Sunday, December 13, 2015

Naked As the Eyes of a Clown

It's the time of year of life that calls for the cliche, the trite. I'm still here, none the worse for the wear. What does that mean? I think that photo was taken in 1964 or 1965. Fifty some odd (another weird string of words) years ago. I looked pretty damn serious. Funny thing is that I never could stand Bugs Bunny.

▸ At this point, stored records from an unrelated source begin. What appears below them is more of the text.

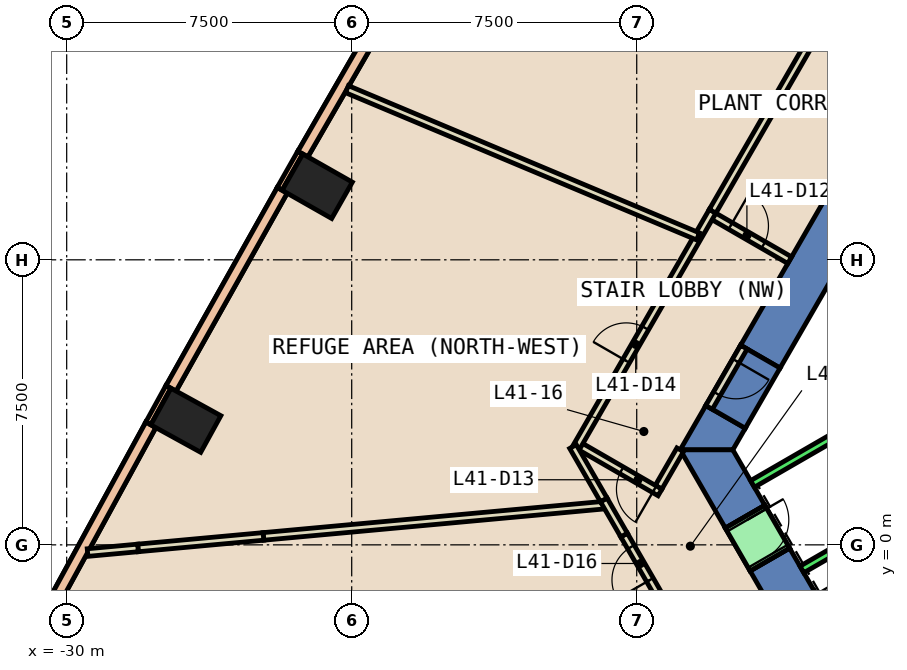
"""IFC4 building model, lengths in metres.
Left out: names, types, materials, properties, quantities, classifications, styles, units other than length and angle.
Written with IfcOpenShell. Run it as: python <this file> out.ifc"""

import sys

from ifc_helpers import new_model, si_unit, direction, frame, frame_2d, origin, origin_2d, place, context, subcontext, project, spatial, polyline, rectangle, outline, extrude, element, fill, save


model = new_model("IFC4")
c1 = context("Model", 3, precision=1e-05, world=origin(), true_north=direction((0.0, 1.0)))
c2 = subcontext(c1, "Body", "Model", "MODEL_VIEW")
j1 = project(units=[si_unit("LENGTHUNIT", "METRE"), si_unit("PLANEANGLEUNIT", "RADIAN")], contexts=[c1])
p1 = place(None, origin())
s1 = spatial("IfcSite", under=j1, at=p1, CompositionType="ELEMENT")
p2 = place(p1, origin())
s2 = spatial("IfcBuilding", under=s1, at=p2, CompositionType="ELEMENT")
p3 = place(p2, frame((0.0, 0.0, 184.4)))
s3 = spatial("IfcBuildingStorey", under=s2, at=p3, CompositionType="ELEMENT", Elevation=184.4)
for number, where, z_axis, x_axis in (
    (1, (-23.407, 9.436, -0.6), (0.0, 0.0, 1.0), (0.494, 0.869, 0.0)),
    (2, (-26.865, 3.278, -0.6), (0.0, 0.0, 1.0), (0.482, 0.876, 0.0)),
):
    element("IfcColumn", number, at=place(p3, frame(where, z_axis=z_axis, x_axis=x_axis)), inside=s3, PredefinedType="COLUMN", context=c2, shape_type="SweptSolid", body=[
        extrude(rectangle(XDim=1.1, YDim=1.5, at=origin_2d()), origin(), (0.0, 0.0, 1.0), 5.4),
    ])
p4 = place(p3, frame((0.0, 0.0, -0.6)))
e3 = element("IfcWall", 3, at=p4, inside=s3, PredefinedType="SHEAR", context=c2, shape_type="SweptSolid", body=[
    extrude(outline(polyline([(-12.267, 5.252), (-11.228, 4.652), (-6.235, 13.3), (-6.928, 14.5), (-12.267, 5.252)])), origin(), (0.0, 0.0, 1.0), 5.4),
])
p5 = place(p3, frame((0.0, 0.0, -0.6)))
e4 = element("IfcWall", 4, at=p5, inside=s3, PredefinedType="SHEAR", context=c2, shape_type="SweptSolid", body=[
    extrude(outline(polyline([(-12.143, 3.068), (-13.182, 3.667), (-13.856, 2.5), (-12.471, 2.5), (-12.143, 3.068)])), origin(), (0.0, 0.0, 1.0), 5.4),
])
p6 = place(p3, frame((0.0, 0.0, 3.6)))
e5 = element("IfcWall", 5, at=p6, inside=s3, PredefinedType="SHEAR", context=c2, shape_type="SweptSolid", body=[
    extrude(outline(polyline([(-13.182, 3.667), (-12.143, 3.068), (-11.228, 4.652), (-12.267, 5.252), (-13.182, 3.667)])), origin(), (0.0, 0.0, 1.0), 1.2),
])
p7 = place(p3, frame((0.0, 0.0, -0.6)))
e6 = element("IfcWall", 6, at=p7, inside=s3, PredefinedType="SHEAR", context=c2, shape_type="SweptSolid", body=[
    extrude(outline(polyline([(-12.667, 0.44), (-11.628, 1.04), (-12.471, 2.5), (-13.856, 2.5), (-12.667, 0.44)])), origin(), (0.0, 0.0, 1.0), 5.4),
])
p8 = place(p3, frame((0.0, 0.0, -0.6)))
e7 = element("IfcWall", 7, at=p8, inside=s3, PredefinedType="SHEAR", context=c2, shape_type="SweptSolid", body=[
    extrude(outline(polyline([(-11.367, -1.811), (-10.328, -1.211), (-10.978, -0.086), (-12.017, -0.686), (-11.367, -1.811)])), origin(), (0.0, 0.0, 1.0), 5.4),
])
p9 = place(p3, frame((0.0, 0.0, 3.6)))
e8 = element("IfcWall", 8, at=p9, inside=s3, PredefinedType="SHEAR", context=c2, shape_type="SweptSolid", body=[
    extrude(outline(polyline([(-12.017, -0.686), (-10.978, -0.086), (-11.628, 1.04), (-12.667, 0.44), (-12.017, -0.686)])), origin(), (0.0, 0.0, 1.0), 1.2),
])
p10 = place(p3, frame((-23.853, 10.322, 0.0), z_axis=(0.0, 0.0, 1.0), x_axis=(-0.494512685492, -0.869170411305, 0.0)))
e9 = element("IfcWall", 9, at=p10, inside=s3, PredefinedType="STANDARD", context=c2, shape_type="SweptSolid", body=[
    extrude(rectangle(XDim=1.1, YDim=0.15, at=frame_2d((0.55, 0.0))), origin(), (0.0, 0.0, 1.0), 4.8),
])
p11 = place(p3, frame((-27.323, 4.158, 0.0), z_axis=(0.0, 0.0, 1.0), x_axis=(-0.481850587491, -0.876253394478, 0.0)))
e10 = element("IfcWall", 10, at=p11, inside=s3, PredefinedType="STANDARD", context=c2, shape_type="SweptSolid", body=[
    extrude(rectangle(XDim=1.1, YDim=0.15, at=frame_2d((0.55, 0.0))), origin(), (0.0, 0.0, 1.0), 4.8),
])
p12 = place(p3, frame((-20.797, 15.458, 0.0), z_axis=(0.0, 0.0, 1.0), x_axis=(-0.499926373932, -0.866067907642, 0.0)))
e11 = element("IfcWall", 11, at=p12, inside=s3, PredefinedType="STANDARD", context=c2, shape_type="SweptSolid", body=[
    extrude(rectangle(XDim=5.977, YDim=0.3, at=frame_2d((2.988, 0.0))), origin(), (0.0, 0.0, 1.0), 1.2),
])
p13 = place(p3, frame((-20.797, 15.458, 4.0), z_axis=(0.0, 0.0, 1.0), x_axis=(-0.499926373932, -0.866067907642, 0.0)))
e12 = element("IfcWall", 12, at=p13, inside=s3, PredefinedType="STANDARD", context=c2, shape_type="SweptSolid", body=[
    extrude(rectangle(XDim=5.977, YDim=0.3, at=frame_2d((2.988, 0.0))), origin(), (0.0, 0.0, 1.0), 0.8),
])
p14 = place(p3, frame((-24.328, 9.328, 0.0), z_axis=(0.0, 0.0, 1.0), x_axis=(-0.489679181332, -0.871902689163, 0.0)))
e13 = element("IfcWall", 13, at=p14, inside=s3, PredefinedType="STANDARD", context=c2, shape_type="SweptSolid", body=[
    extrude(rectangle(XDim=5.975, YDim=0.3, at=frame_2d((2.988, 0.0))), origin(), (0.0, 0.0, 1.0), 1.2),
])
p15 = place(p3, frame((-24.328, 9.328, 4.0), z_axis=(0.0, 0.0, 1.0), x_axis=(-0.489679181332, -0.871902689163, 0.0)))
e14 = element("IfcWall", 14, at=p15, inside=s3, PredefinedType="STANDARD", context=c2, shape_type="SweptSolid", body=[
    extrude(rectangle(XDim=5.975, YDim=0.3, at=frame_2d((2.988, 0.0))), origin(), (0.0, 0.0, 1.0), 0.8),
])
p16 = place(p3, frame((-27.786, 3.158, 0.0), z_axis=(0.0, 0.0, 1.0), x_axis=(-0.479192671498, -0.87770973766, 0.0)))
e15 = element("IfcWall", 15, at=p16, inside=s3, PredefinedType="STANDARD", context=c2, shape_type="SweptSolid", body=[
    extrude(rectangle(XDim=5.977, YDim=0.3, at=frame_2d((2.988, 0.0))), origin(), (0.0, 0.0, 1.0), 1.2),
])
p17 = place(p3, frame((-27.786, 3.158, 4.0), z_axis=(0.0, 0.0, 1.0), x_axis=(-0.479192671498, -0.87770973766, 0.0)))
e16 = element("IfcWall", 16, at=p17, inside=s3, PredefinedType="STANDARD", context=c2, shape_type="SweptSolid", body=[
    extrude(rectangle(XDim=5.977, YDim=0.3, at=frame_2d((2.988, 0.0))), origin(), (0.0, 0.0, 1.0), 0.8),
])
p18 = place(p3, frame((-13.053, 8.691, 0.0), z_axis=(0.0, 0.0, 1.0), x_axis=(0.865973769406, -0.500089422704, 0.0)))
e17 = element("IfcWall", 17, at=p18, inside=s3, PredefinedType="PARTITIONING", context=c2, shape_type="SweptSolid", body=[
    extrude(rectangle(XDim=2.399, YDim=0.2, at=frame_2d((1.2, 0.0))), origin(), (0.0, 0.0, 1.0), 4.8),
])
p19 = place(p18, frame((0.6, 0.0, 0.0)))
e18 = element("IfcOpeningElement", 18, at=p19, cuts=e17, PredefinedType="OPENING", context=c2, shape_type="SweptSolid", body=[
    extrude(rectangle(XDim=1.0, YDim=2.1, at=frame_2d((0.5, 1.05))), frame((0.0, 0.11, 0.0), z_axis=(0.0, -1.0, 0.0), x_axis=(1.0, 0.0, 0.0)), (0.0, 0.0, 1.0), 0.22),
])
p20 = place(p3, frame((-13.856, 2.501, 0.0), z_axis=(0.0, 0.0, 1.0), x_axis=(-0.500316932756, -0.865842345233, 0.0)))
e19 = element("IfcWall", 19, at=p20, inside=s3, PredefinedType="PARTITIONING", context=c2, shape_type="SweptSolid", body=[
    extrude(rectangle(XDim=1.137, YDim=0.2, at=frame_2d((0.569, 0.0))), origin(), (0.0, 0.0, 1.0), 4.8),
])
p21 = place(p3, frame((-14.388, 1.379, 0.0), z_axis=(0.0, 0.0, 1.0), x_axis=(-0.866022959057, 0.500004234368, 0.0)))
e20 = element("IfcWall", 20, at=p21, inside=s3, PredefinedType="PARTITIONING", context=c2, shape_type="SweptSolid", body=[
    extrude(rectangle(XDim=2.5, YDim=0.2, at=frame_2d((1.25, 0.0))), origin(), (0.0, 0.0, 1.0), 4.8),
])
p22 = place(p21, frame((0.168, 0.0, 0.0)))
e21 = element("IfcOpeningElement", 21, at=p22, cuts=e20, PredefinedType="OPENING", context=c2, shape_type="SweptSolid", body=[
    extrude(rectangle(XDim=1.0, YDim=2.1, at=frame_2d((0.5, 1.05))), frame((0.0, 0.11, 0.0), z_axis=(0.0, -1.0, 0.0), x_axis=(1.0, 0.0, 0.0)), (0.0, 0.0, 1.0), 0.22),
])
p23 = place(p3, frame((-16.603, 2.542, 0.0), z_axis=(0.0, 0.0, 1.0), x_axis=(0.499968011863, 0.866043871356, 0.0)))
e22 = element("IfcWall", 22, at=p23, inside=s3, PredefinedType="PARTITIONING", context=c2, shape_type="SweptSolid", body=[
    extrude(rectangle(XDim=7.201, YDim=0.2, at=frame_2d((3.6, 0.0))), origin(), (0.0, 0.0, 1.0), 4.8),
])
p24 = place(p23, frame((2.654, 0.0, 0.0)))
e23 = element("IfcOpeningElement", 23, at=p24, cuts=e22, PredefinedType="OPENING", context=c2, shape_type="SweptSolid", body=[
    extrude(rectangle(XDim=1.0, YDim=2.1, at=frame_2d((0.5, 1.05))), frame((0.0, 0.11, 0.0), z_axis=(0.0, -1.0, 0.0), x_axis=(1.0, 0.0, 0.0)), (0.0, 0.0, 1.0), 0.22),
])
p25 = place(p3, frame((-13.003, 8.778, 0.0), z_axis=(0.0, 0.0, 1.0), x_axis=(0.499964736285, 0.866045762343, 0.0)))
e24 = element("IfcWall", 24, at=p25, inside=s3, PredefinedType="PARTITIONING", context=c2, shape_type="SweptSolid", body=[
    extrude(rectangle(XDim=9.479, YDim=0.2, at=frame_2d((4.739, 0.0))), origin(), (0.0, 0.0, 1.0), 4.8),
])
p26 = place(p25, frame((7.862, 0.0, 0.0)))
e25 = element("IfcOpeningElement", 25, at=p26, cuts=e24, PredefinedType="OPENING", context=c2, shape_type="SweptSolid", body=[
    extrude(rectangle(XDim=1.0, YDim=2.1, at=frame_2d((0.5, 1.05))), frame((0.0, 0.11, 0.0), z_axis=(0.0, -1.0, 0.0), x_axis=(1.0, 0.0, 0.0)), (0.0, 0.0, 1.0), 0.22),
])
p27 = place(p3, frame((-14.001, -2.05, 0.0), z_axis=(0.0, 0.0, 1.0), x_axis=(-0.499844057801, 0.866115418337, 0.0)))
e26 = element("IfcWall", 26, at=p27, inside=s3, PredefinedType="PARTITIONING", context=c2, shape_type="SweptSolid", body=[
    extrude(rectangle(XDim=2.665, YDim=0.2, at=frame_2d((1.333, 0.0))), origin(), (0.0, 0.0, 1.0), 2.4),
])
p28 = place(p27, frame((1.301, 0.0, 0.0)))
e27 = element("IfcOpeningElement", 27, at=p28, cuts=e26, PredefinedType="OPENING", context=c2, shape_type="SweptSolid", body=[
    extrude(rectangle(XDim=1.0, YDim=2.1, at=frame_2d((0.5, 1.05))), frame((0.0, 0.11, 0.0), z_axis=(0.0, -1.0, 0.0), x_axis=(1.0, 0.0, 0.0)), (0.0, 0.0, 1.0), 0.22),
])
p29 = place(p3, frame((-22.625, 11.99, 0.0), z_axis=(0.0, 0.0, 1.0), x_axis=(0.922173915382, -0.386775477233, 0.0)))
e28 = element("IfcWall", 28, at=p29, inside=s3, PredefinedType="PARTITIONING", context=c2, shape_type="SweptSolid", body=[
    extrude(rectangle(XDim=10.019, YDim=0.2, at=frame_2d((5.009, 0.0))), origin(), (0.0, 0.0, 1.0), 4.8),
])
p30 = place(p3, frame((-15.791, 1.051, 0.0), z_axis=(0.0, 0.0, 1.0), x_axis=(-0.995813171727, -0.091411853796, 0.0)))
e29 = element("IfcWall", 29, at=p30, inside=s3, PredefinedType="PARTITIONING", context=c2, shape_type="SweptSolid", body=[
    extrude(rectangle(XDim=9.07, YDim=0.2, at=frame_2d((4.535, 0.0))), origin(), (0.0, 0.0, 1.0), 2.4),
])
p31 = place(p3, frame((-12.181, 5.202, 0.0), z_axis=(0.0, 0.0, 1.0), x_axis=(-0.500215337403, -0.865901042976, 0.0)))
e30 = element("IfcWall", 30, at=p31, inside=s3, PredefinedType="PARTITIONING", context=c2, shape_type="SweptSolid", body=[
    extrude(rectangle(XDim=1.829, YDim=0.2, at=frame_2d((0.915, 0.0))), origin(), (0.0, 0.0, 1.0), 2.4),
])
p32 = place(p31, frame((0.415, 0.0, 0.0)))
e31 = element("IfcOpeningElement", 31, at=p32, cuts=e30, PredefinedType="OPENING", context=c2, shape_type="SweptSolid", body=[
    extrude(rectangle(XDim=1.0, YDim=2.1, at=frame_2d((0.5, 1.05))), frame((0.0, 0.11, 0.0), z_axis=(0.0, -1.0, 0.0), x_axis=(1.0, 0.0, 0.0)), (0.0, 0.0, 1.0), 0.22),
])
p33 = place(p3, frame((-15.333, 0.258, 0.0), z_axis=(0.0, 0.0, 1.0), x_axis=(-0.499900536046, 0.86608282171, 0.0)))
e32 = element("IfcWall", 32, at=p33, inside=s3, PredefinedType="PARTITIONING", context=c2, shape_type="SweptSolid", body=[
    extrude(rectangle(XDim=1.068, YDim=0.2, at=frame_2d((0.534, 0.0))), origin(), (0.0, 0.0, 1.0), 2.4),
])
p34 = place(p3, frame((-15.867, 1.183, 0.0), z_axis=(0.0, 0.0, 1.0), x_axis=(-0.499800693738, 0.866140442734, 0.0)))
e33 = element("IfcWall", 33, at=p34, inside=s3, PredefinedType="PARTITIONING", context=c2, shape_type="SweptSolid", body=[
    extrude(rectangle(XDim=1.621, YDim=0.2, at=frame_2d((0.811, 0.0))), origin(), (0.0, 0.0, 1.0), 4.8),
])
p35 = place(p3, frame((-24.823, 0.222, 0.0), z_axis=(0.0, 0.0, 1.0), x_axis=(-0.995814353382, -0.091398980293, 0.0)))
e34 = element("IfcWall", 34, at=p35, inside=s3, PredefinedType="PARTITIONING", context=c2, shape_type="SweptSolid", body=[
    extrude(rectangle(XDim=3.315, YDim=0.2, at=frame_2d((1.657, 0.0))), origin(), (0.0, 0.0, 1.0), 4.8),
])
p36 = place(p3, frame((-28.124, -0.081, 0.0), z_axis=(0.0, 0.0, 1.0), x_axis=(-0.995805575694, -0.091494564955, 0.0)))
e35 = element("IfcWall", 35, at=p36, inside=s3, PredefinedType="PARTITIONING", context=c2, shape_type="SweptSolid", body=[
    extrude(rectangle(XDim=1.332, YDim=0.2, at=frame_2d((0.666, 0.0))), origin(), (0.0, 0.0, 1.0), 2.4),
])
p37 = place(p3, frame((-9.788, 2.853, 0.0), z_axis=(0.0, 0.0, 1.0), x_axis=(-0.865998541277, -0.500046524342, 0.0)))
e36 = element("IfcWall", 36, at=p37, inside=s3, PredefinedType="STANDARD", context=c2, shape_type="SweptSolid", body=[
    extrude(rectangle(XDim=2.5, YDim=0.2, at=frame_2d((1.25, 0.0))), origin(), (0.0, 0.0, 1.0), 4.8),
])
p38 = place(p3, frame((-8.488, 0.602, 0.0), z_axis=(0.0, 0.0, 1.0), x_axis=(-0.866022959057, -0.500004234368, 0.0)))
e37 = element("IfcWall", 37, at=p38, inside=s3, PredefinedType="STANDARD", context=c2, shape_type="SweptSolid", body=[
    extrude(rectangle(XDim=2.5, YDim=0.2, at=frame_2d((1.25, 0.0))), origin(), (0.0, 0.0, 1.0), 4.8),
])
p39 = place(p3, frame((-12.148, 0.74, 0.0), z_axis=(0.0, 0.0, 1.0), x_axis=(0.500221244143, -0.865897630733, 0.0)))
e38 = element("IfcWall", 38, at=p39, inside=s3, PredefinedType="STANDARD", context=c2, shape_type="SweptSolid", body=[
    extrude(rectangle(XDim=1.299, YDim=1.2, at=frame_2d((0.65, 0.0))), origin(), (0.0, 0.0, 1.0), 2.4),
])
p40 = place(p39, frame((0.1, 0.0, 0.0)))
e39 = element("IfcOpeningElement", 39, at=p40, cuts=e38, PredefinedType="OPENING", context=c2, shape_type="SweptSolid", body=[
    extrude(rectangle(XDim=1.1, YDim=2.3, at=frame_2d((0.55, 1.15))), frame((0.0, 0.61, 0.0), z_axis=(0.0, -1.0, 0.0), x_axis=(1.0, 0.0, 0.0)), (0.0, 0.0, 1.0), 1.22),
])
p41 = place(p19, origin())
e40 = element("IfcDoor", 40, at=p41, inside=s3, OperationType="SINGLE_SWING_RIGHT", PredefinedType="DOOR", context=c2, shape_type="SweptSolid", body=[
    extrude(rectangle(XDim=1.0, YDim=2.1, at=frame_2d((0.5, 1.05))), frame((0.0, 0.025, 0.0), z_axis=(0.0, -1.0, 0.0), x_axis=(1.0, 0.0, 0.0)), (0.0, 0.0, 1.0), 0.05),
])
fill(e18, e40)
p42 = place(p22, origin())
e41 = element("IfcDoor", 41, at=p42, inside=s3, OperationType="SINGLE_SWING_LEFT", PredefinedType="DOOR", context=c2, shape_type="SweptSolid", body=[
    extrude(rectangle(XDim=1.0, YDim=2.1, at=frame_2d((0.5, 1.05))), frame((0.0, 0.025, 0.0), z_axis=(0.0, -1.0, 0.0), x_axis=(1.0, 0.0, 0.0)), (0.0, 0.0, 1.0), 0.05),
])
fill(e21, e41)
p43 = place(p24, origin())
e42 = element("IfcDoor", 42, at=p43, inside=s3, OperationType="SINGLE_SWING_RIGHT", PredefinedType="DOOR", context=c2, shape_type="SweptSolid", body=[
    extrude(rectangle(XDim=1.0, YDim=2.1, at=frame_2d((0.5, 1.05))), frame((0.0, 0.025, 0.0), z_axis=(0.0, -1.0, 0.0), x_axis=(1.0, 0.0, 0.0)), (0.0, 0.0, 1.0), 0.05),
])
fill(e23, e42)
p44 = place(p28, origin())
e43 = element("IfcDoor", 43, at=p44, inside=s3, OperationType="SINGLE_SWING_RIGHT", PredefinedType="DOOR", context=c2, shape_type="SweptSolid", body=[
    extrude(rectangle(XDim=1.0, YDim=2.1, at=frame_2d((0.5, 1.05))), frame((0.0, 0.025, 0.0), z_axis=(0.0, -1.0, 0.0), x_axis=(1.0, 0.0, 0.0)), (0.0, 0.0, 1.0), 0.05),
])
fill(e27, e43)
p45 = place(p32, origin())
e44 = element("IfcDoor", 44, at=p45, inside=s3, OperationType="SINGLE_SWING_LEFT", PredefinedType="DOOR", context=c2, shape_type="SweptSolid", body=[
    extrude(rectangle(XDim=1.0, YDim=2.1, at=frame_2d((0.5, 1.05))), frame((0.0, 0.025, 0.0), z_axis=(0.0, -1.0, 0.0), x_axis=(1.0, 0.0, 0.0)), (0.0, 0.0, 1.0), 0.05),
])
fill(e31, e44)
p46 = place(p40, origin())
e45 = element("IfcDoor", 45, at=p46, inside=s3, OperationType="SLIDING_TO_LEFT", PredefinedType="DOOR", context=c2, shape_type="SweptSolid", body=[
    extrude(rectangle(XDim=1.1, YDim=2.3, at=frame_2d((0.55, 1.15))), frame((0.0, 0.025, 0.0), z_axis=(0.0, -1.0, 0.0), x_axis=(1.0, 0.0, 0.0)), (0.0, 0.0, 1.0), 0.05),
])
fill(e39, e45)
save(model, sys.argv[1])

I have nothing to report, to write. I went to hear Percival Everett speak and read yesterday afternoon at my favorite independent bookstore, Chevalier. I'm reading Everett's new collection of short stories -- Half an Inch of Water.  Ranching. Horses. Animals. Dogs. Old women who find portals to alternate vistas. They're extraordinary and seductive. How's that for adjectives? Adjectival. Every time I open the book, I start singing John Prine's song, and yesterday I asked Percival whether he'd thought of that song when he titled the book. He said, No, it was an expression my mother always used. Then he said the lyrics to the Prine song -- all of them. 

Here are a few:

I was sitting in the bathtub, counting my toes
When the radiator broke, the water all froze
I got stuck in the ice without my clothes
Naked as the eyes of a clown
I was crying ice cubes,
and hoping I'd croack
When the sun came through the window
the ice all broke
I stood up and laughed
I thought it was a joke
That's the way
that the world goes round

Extraordinary and seductive. Sweetness.

I met John Prine a few times when I lived in Nashville. He was a nice guy with a crinkly smile. He seemed up to no good in the best of ways. Cliche. He'd play out in the country at these things called Harvest Moon concerts -- lots of people playing music under the stars, famous and obscure (both the stars and the people). It was the way the world went round.

Extraordinary and seductive. Sweetness.


  1. Every time you say you have nothing to write, you write something interesting.
    In 1964 I was going to a Beatles concert, precariously standing on a folding metal chair and screaming my head off in a white wool suit my mother made for me...especially for the occasion.

  2. That's your idea of "nothing to write"?

    I haven't listened to John Prine in years. I should break out one of his CDs. And I'll have to watch for Everett -- I don't know his writing at all!

    That's a great photo. It's poignant that you got a present featuring a beloved children's character that deep down you disliked! (I used to LOVE Bugs Bunny as a kid.)

  3. It was your resemblance to your young children that caught my attention--that and the phantasmagoric Santa Claus that looks about half a second away from coming to life.

  4. Again, you have knocked me to my knees.

  5. Wow...I wish I could write like that when I think I have nothing to say...

  6. I'm beyond impressed that you met John Prine, and know an author who can sing all the lyrics to one of his songs, or know them yourself.
    I am a lifelong fan of John Prine and we always listen to both discs of his Anthology whenever we go camping. It's a tradition.
    Such a serious look on your face. I never cared for Bugs Bunny either and really do not like those jack in the box toys, so I feel your little self. :)

  7. When I look at that picture of you I see little Sophie. I too disliked Bugs Bunny and found Jack in the box toys creepy. I'm clown phobic too, though I find the title of this post haunting and I contemplated it for a long time. What an extraordinary post. Your writing is such that in your hands cliches are fresh and powerful. You spin them just enough to dazzle. You dazzle me.